Ils partageaient le même mentor...

Tous deux ont, en effet, commencé leur carrière éditoriale au "Vingtième Siècle" après avoir été engagés par l'abbé Norbert Wallez. Le premier album d'Hergé, "Tintin au pays des Soviets", était une commande de Wallez. Ecarté du journal, Wallez a parcouru le pays pendant la guerre en tant que conférencier, pour soutenir la collaboration avec l'Allemagne. Hergé était aussi ami avec le dessinateur Jean Vermeire, dit Jiv, qui était un lieutenant de Degrelle. Par ailleurs, Pierre Assouline, biographe d'Hergé, découvrira, en 1996, qu'Hergé avait entamé des démarches juste après la guerre pour aller s'établir en Argentine. Son contact sur place n'était autre que Pierre Daye, un complice de Degrelle recherché par la justice belge.

Degrelle était-il antisémite?

Il faut distinguer trois paliers. Au départ, Degrelle participait d'un antisémitisme traditionnel nourri de préjugés envers les Juifs. Un antisémitisme "soft" qu'on retrouve aussi chez Churchill. Degrelle a durci son discours après son échec électoral face à Van Zeeland, dans un contexte où de nombreux Juifs allemands cherchaient refuge en Belgique. "La Belgique aux Belges", disait Degrelle. Il basculera complètement, en 1979, dans sa lettre au Pape où il adopte un antisémitisme radical et négationniste.

La classe politique belge avait visiblement intérêt à ce que Degrelle ne soit pas ramené en Belgique pour être jugé. Qu'aurait pu faire Degrelle comme révélations?

Je ne pense pas que Degrelle, contrairement à ce qu'il affirmait, avait des révélations à faire. Par contre, sa présence en Belgique aurait, à coup sûr, empoisonné le climat politique d'après-guerre. Il aurait notamment pu faire des déclarations embarrassantes sur l'attitude du gouvernement belge en France. Avant de prendre la route de l'exil vers Londres, le gouvernement avait installé ses quartiers à Vichy.

Chez qui ces appréhensions étaient-elles plus fortes?
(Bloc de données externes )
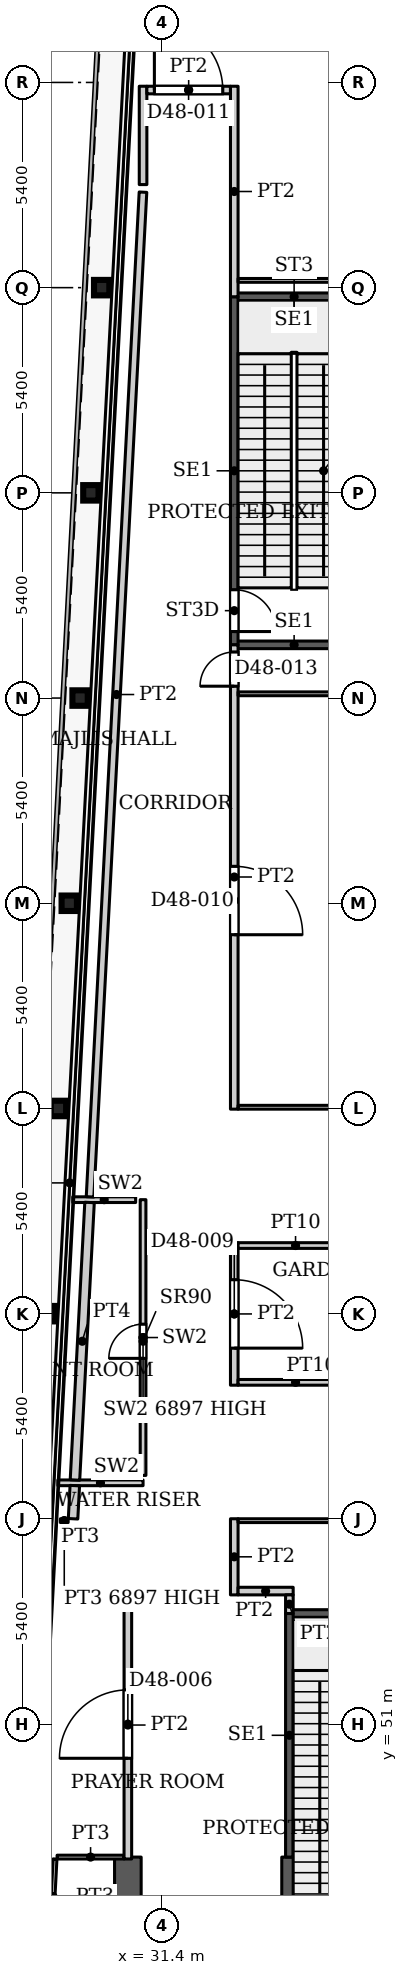
"""IFC4 building model, lengths in metres.
Left out: names, types, materials, properties, quantities, classifications, styles, units other than length and angle.
Written with IfcOpenShell. Run it as: python <this file> out.ifc"""

import sys

from ifc_helpers import new_model, si_unit, direction, frame, frame_2d, origin, origin_2d, place, context, subcontext, project, spatial, rectangle, i_section, extrude, source, transform, mapped, element, fill, save


model = new_model("IFC4")
c1 = context("Model", 3, precision=1e-05, world=origin(), true_north=direction((0.0, 1.0)))
c2 = subcontext(c1, "Body", "Model", "MODEL_VIEW")
j1 = project(units=[si_unit("LENGTHUNIT", "METRE"), si_unit("PLANEANGLEUNIT", "RADIAN")], contexts=[c1])
p1 = place(None, origin())
s1 = spatial("IfcSite", under=j1, at=p1, CompositionType="ELEMENT")
p2 = place(p1, origin())
s2 = spatial("IfcBuilding", under=s1, at=p2, CompositionType="ELEMENT")
p3 = place(p2, frame((0.0, 0.0, 203.3)))
s3 = spatial("IfcBuildingStorey", under=s2, at=p3, CompositionType="ELEMENT", Elevation=203.3)
for number, where, z_axis, x_axis in (
    (1, (28.39, 61.8, 0.0), (0.0, 0.0, 1.0), (1.0, 0.0, 0.0)),
    (2, (28.674, 67.2, 0.0), (0.0, 0.0, 1.0), (1.0, 0.0, 0.0)),
    (3, (28.958, 72.6, 0.0), (0.0, 0.0, 1.0), (1.0, 0.0, 0.0)),
    (4, (29.243, 78.0, 0.0), (0.0, 0.0, 1.0), (1.0, 0.0, 0.0)),
    (5, (29.527, 83.4, 0.0), (0.0, 0.0, 1.0), (1.0, 0.0, 0.0)),
    (6, (29.811, 88.8, 0.0), (0.0, 0.0, 1.0), (1.0, 0.0, 0.0)),
):
    element("IfcColumn", number, at=place(p3, frame(where, z_axis=z_axis, x_axis=x_axis)), inside=s3, PredefinedType="COLUMN", context=c2, shape_type="SweptSolid", body=[
        extrude(i_section(OverallWidth=0.404, OverallDepth=0.407, WebThickness=0.027, FlangeThickness=0.044, FilletRadius=0.012, at=origin_2d()), origin(), (0.0, 0.0, 1.0), 7.8),
    ])
p4 = place(p3, frame((34.75, 29.05, 0.0), z_axis=(0.0, 0.0, 1.0), x_axis=(0.0, 1.0, 0.0)))
e7 = element("IfcWall", 7, at=p4, inside=s3, PredefinedType="SHEAR", context=c2, shape_type="SweptSolid", body=[
    extrude(rectangle(XDim=18.45, YDim=0.4, at=frame_2d((9.225, 0.0))), origin(), (0.0, 0.0, 1.0), 7.8),
])
p5 = place(p4, frame((8.025, 0.0, 0.0)))
e8 = element("IfcOpeningElement", 8, at=p5, cuts=e7, PredefinedType="OPENING", context=c2, shape_type="SweptSolid", body=[
    extrude(rectangle(XDim=1.1, YDim=2.2, at=frame_2d((0.55, 1.1))), frame((0.0, 0.21, 0.0), z_axis=(0.0, -1.0, 0.0), x_axis=(1.0, 0.0, 0.0)), (0.0, 0.0, 1.0), 0.42),
])
p6 = place(p4, frame((10.875, 0.0, 0.0)))
e9 = element("IfcOpeningElement", 9, at=p6, cuts=e7, PredefinedType="OPENING", context=c2, shape_type="SweptSolid", body=[
    extrude(rectangle(XDim=1.1, YDim=2.2, at=frame_2d((0.55, 1.1))), frame((0.0, 0.21, 0.0), z_axis=(0.0, -1.0, 0.0), x_axis=(1.0, 0.0, 0.0)), (0.0, 0.0, 1.0), 0.42),
])
p7 = place(p4, frame((13.725, 0.0, 0.0)))
e10 = element("IfcOpeningElement", 10, at=p7, cuts=e7, PredefinedType="OPENING", context=c2, shape_type="SweptSolid", body=[
    extrude(rectangle(XDim=1.1, YDim=2.2, at=frame_2d((0.55, 1.1))), frame((0.0, 0.21, 0.0), z_axis=(0.0, -1.0, 0.0), x_axis=(1.0, 0.0, 0.0)), (0.0, 0.0, 1.0), 0.42),
])
p8 = place(p4, frame((15.95, 0.0, 0.0)))
e11 = element("IfcOpeningElement", 11, at=p8, cuts=e7, PredefinedType="OPENING", context=c2, shape_type="SweptSolid", body=[
    extrude(rectangle(XDim=1.1, YDim=2.2, at=frame_2d((0.55, 1.1))), frame((0.0, 0.21, 0.0), z_axis=(0.0, -1.0, 0.0), x_axis=(1.0, 0.0, 0.0)), (0.0, 0.0, 1.0), 0.42),
])
p9 = place(p3, frame((30.5, 29.05, 0.0), z_axis=(0.0, 0.0, 1.0), x_axis=(0.0, 1.0, 0.0)))
e12 = element("IfcWall", 12, at=p9, inside=s3, PredefinedType="SHEAR", context=c2, shape_type="SweptSolid", body=[
    extrude(rectangle(XDim=18.45, YDim=0.7, at=frame_2d((9.225, 0.0))), origin(), (0.0, 0.0, 1.0), 7.8),
])
p10 = place(p9, frame((1.34, 0.0, 0.0)))
e13 = element("IfcOpeningElement", 13, at=p10, cuts=e12, PredefinedType="OPENING", context=c2, shape_type="SweptSolid", body=[
    extrude(rectangle(XDim=0.9, YDim=2.2, at=frame_2d((0.45, 1.1))), frame((0.0, 0.36, 0.0), z_axis=(0.0, -1.0, 0.0), x_axis=(1.0, 0.0, 0.0)), (0.0, 0.0, 1.0), 0.72),
])
p11 = place(p9, frame((7.925, 0.0, 0.0)))
e14 = element("IfcOpeningElement", 14, at=p11, cuts=e12, PredefinedType="OPENING", context=c2, shape_type="SweptSolid", body=[
    extrude(rectangle(XDim=0.9, YDim=2.2, at=frame_2d((0.45, 1.1))), frame((0.0, 0.36, 0.0), z_axis=(0.0, -1.0, 0.0), x_axis=(1.0, 0.0, 0.0)), (0.0, 0.0, 1.0), 0.72),
])
p12 = place(p3, frame((34.75, 53.91, 0.0), z_axis=(0.0, 0.0, 1.0), x_axis=(1.0, 0.0, 0.0)))
e15 = element("IfcWall", 15, at=p12, inside=s3, PredefinedType="SHEAR", context=c2, shape_type="SweptSolid", body=[
    extrude(rectangle(XDim=3.15, YDim=0.2, at=frame_2d((1.575, 0.0))), origin(), (0.0, 0.0, 1.0), 7.8),
])
p13 = place(p3, frame((34.75, 47.5, 0.0), z_axis=(0.0, 0.0, 1.0), x_axis=(0.0, 1.0, 0.0)))
e16 = element("IfcWall", 16, at=p13, inside=s3, PredefinedType="SHEAR", context=c2, shape_type="SweptSolid", body=[
    extrude(rectangle(XDim=6.41, YDim=0.2, at=frame_2d((3.205, 0.0))), origin(), (0.0, 0.0, 1.0), 7.8),
])
for number, where, z_axis, x_axis in (
    (17, (33.3, 79.4, 0.0), (0.0, 0.0, 1.0), (1.0, 0.0, 0.0)),
    (18, (33.3, 88.56, 0.0), (0.0, 0.0, 1.0), (1.0, 0.0, 0.0)),
):
    element("IfcWall", number, at=place(p3, frame(where, z_axis=z_axis, x_axis=x_axis)), inside=s3, PredefinedType="SHEAR", context=c2, shape_type="SweptSolid", body=[
        extrude(rectangle(XDim=3.15, YDim=0.2, at=frame_2d((1.575, 0.0))), origin(), (0.0, 0.0, 1.0), 7.8),
    ])
p14 = place(p3, frame((33.3, 79.4, 0.0), z_axis=(0.0, 0.0, 1.0), x_axis=(0.0, 1.0, 0.0)))
e19 = element("IfcWall", 19, at=p14, inside=s3, PredefinedType="SHEAR", context=c2, shape_type="SweptSolid", body=[
    extrude(rectangle(XDim=9.16, YDim=0.2, at=frame_2d((4.58, 0.0))), origin(), (0.0, 0.0, 1.0), 7.8),
])
p15 = place(p14, frame((0.35, 0.0, 0.0)))
e20 = element("IfcOpeningElement", 20, at=p15, cuts=e19, PredefinedType="OPENING", context=c2, shape_type="SweptSolid", body=[
    extrude(rectangle(XDim=1.1, YDim=2.2, at=frame_2d((0.55, 1.1))), frame((0.0, 0.11, 0.0), z_axis=(0.0, -1.0, 0.0), x_axis=(1.0, 0.0, 0.0)), (0.0, 0.0, 1.0), 0.22),
])
p16 = place(p3, frame((28.658, 57.349, 0.0), z_axis=(0.0, 0.0, 1.0), x_axis=(1.0, 0.0, 0.0)))
e21 = element("IfcWall", 21, at=p16, inside=s3, PredefinedType="PARTITIONING", context=c2, shape_type="SweptSolid", body=[
    extrude(rectangle(XDim=2.242, YDim=0.15, at=frame_2d((1.121, 0.0))), origin(), (0.0, 0.0, 1.0), 7.8),
])
p17 = place(p3, frame((30.9, 57.544, 0.0), z_axis=(0.0, 0.0, 1.0), x_axis=(0.0, 1.0, 0.0)))
e22 = element("IfcWall", 22, at=p17, inside=s3, PredefinedType="PARTITIONING", context=c2, shape_type="SweptSolid", body=[
    extrude(rectangle(XDim=7.256, YDim=0.15, at=frame_2d((3.628, 0.0))), origin(), (0.0, 0.0, 1.0), 6.897),
])
p18 = place(p17, frame((3.08, 0.0, 0.0)))
e23 = element("IfcOpeningElement", 23, at=p18, cuts=e22, PredefinedType="OPENING", context=c2, shape_type="SweptSolid", body=[
    extrude(rectangle(XDim=0.9, YDim=2.2, at=frame_2d((0.45, 1.1))), frame((0.0, 0.085, 0.0), z_axis=(0.0, -1.0, 0.0), x_axis=(1.0, 0.0, 0.0)), (0.0, 0.0, 1.0), 0.17),
])
p19 = place(p3, frame((29.05, 64.8, 0.0), z_axis=(0.0, 0.0, 1.0), x_axis=(1.0, 0.0, 0.0)))
e24 = element("IfcWall", 24, at=p19, inside=s3, PredefinedType="PARTITIONING", context=c2, shape_type="SweptSolid", body=[
    extrude(rectangle(XDim=1.655, YDim=0.15, at=frame_2d((0.828, 0.0))), origin(), (0.0, 0.0, 1.0), 7.8),
])
p20 = place(p3, frame((28.48, 45.473, 0.0), z_axis=(0.0, 0.0, 1.0), x_axis=(0.052532943397, 0.998619191613, 0.0)))
e25 = element("IfcWall", 25, at=p20, inside=s3, PredefinedType="PARTITIONING", context=c2, shape_type="SweptSolid", body=[
    extrude(rectangle(XDim=1.98, YDim=0.1, at=frame_2d((0.99, 0.0))), origin(), (0.0, 0.0, 1.0), 7.5),
])
p21 = place(p3, frame((28.638, 47.5, 0.0), z_axis=(0.0, 0.0, 1.0), x_axis=(1.0, 0.0, 0.0)))
e26 = element("IfcWall", 26, at=p21, inside=s3, PredefinedType="PARTITIONING", context=c2, shape_type="SweptSolid", body=[
    extrude(rectangle(XDim=1.762, YDim=0.1, at=frame_2d((0.881, 0.0))), origin(), (0.0, 0.0, 1.0), 7.5),
])
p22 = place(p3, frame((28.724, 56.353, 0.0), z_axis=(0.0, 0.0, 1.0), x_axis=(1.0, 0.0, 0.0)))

C'est surtout Paul-Henri Spaak qui ne voulait pas voir Degrelle rentrer en Belgique. En 1946, le major George de Lovinfosse monta une opération d'enlèvement de Degrelle dans son repère espagnol. Il obtint le feu vert du Premier ministre Achille Van Acker. Mais l'opération fut annulée au dernier moment sur ordre du ministère des Affaires étrangères, alors dirigé par Spaak.

"Degrelle 1906-1994", Arnaud de la Croix, éditions Racine, 224 pages, 19,95 euros.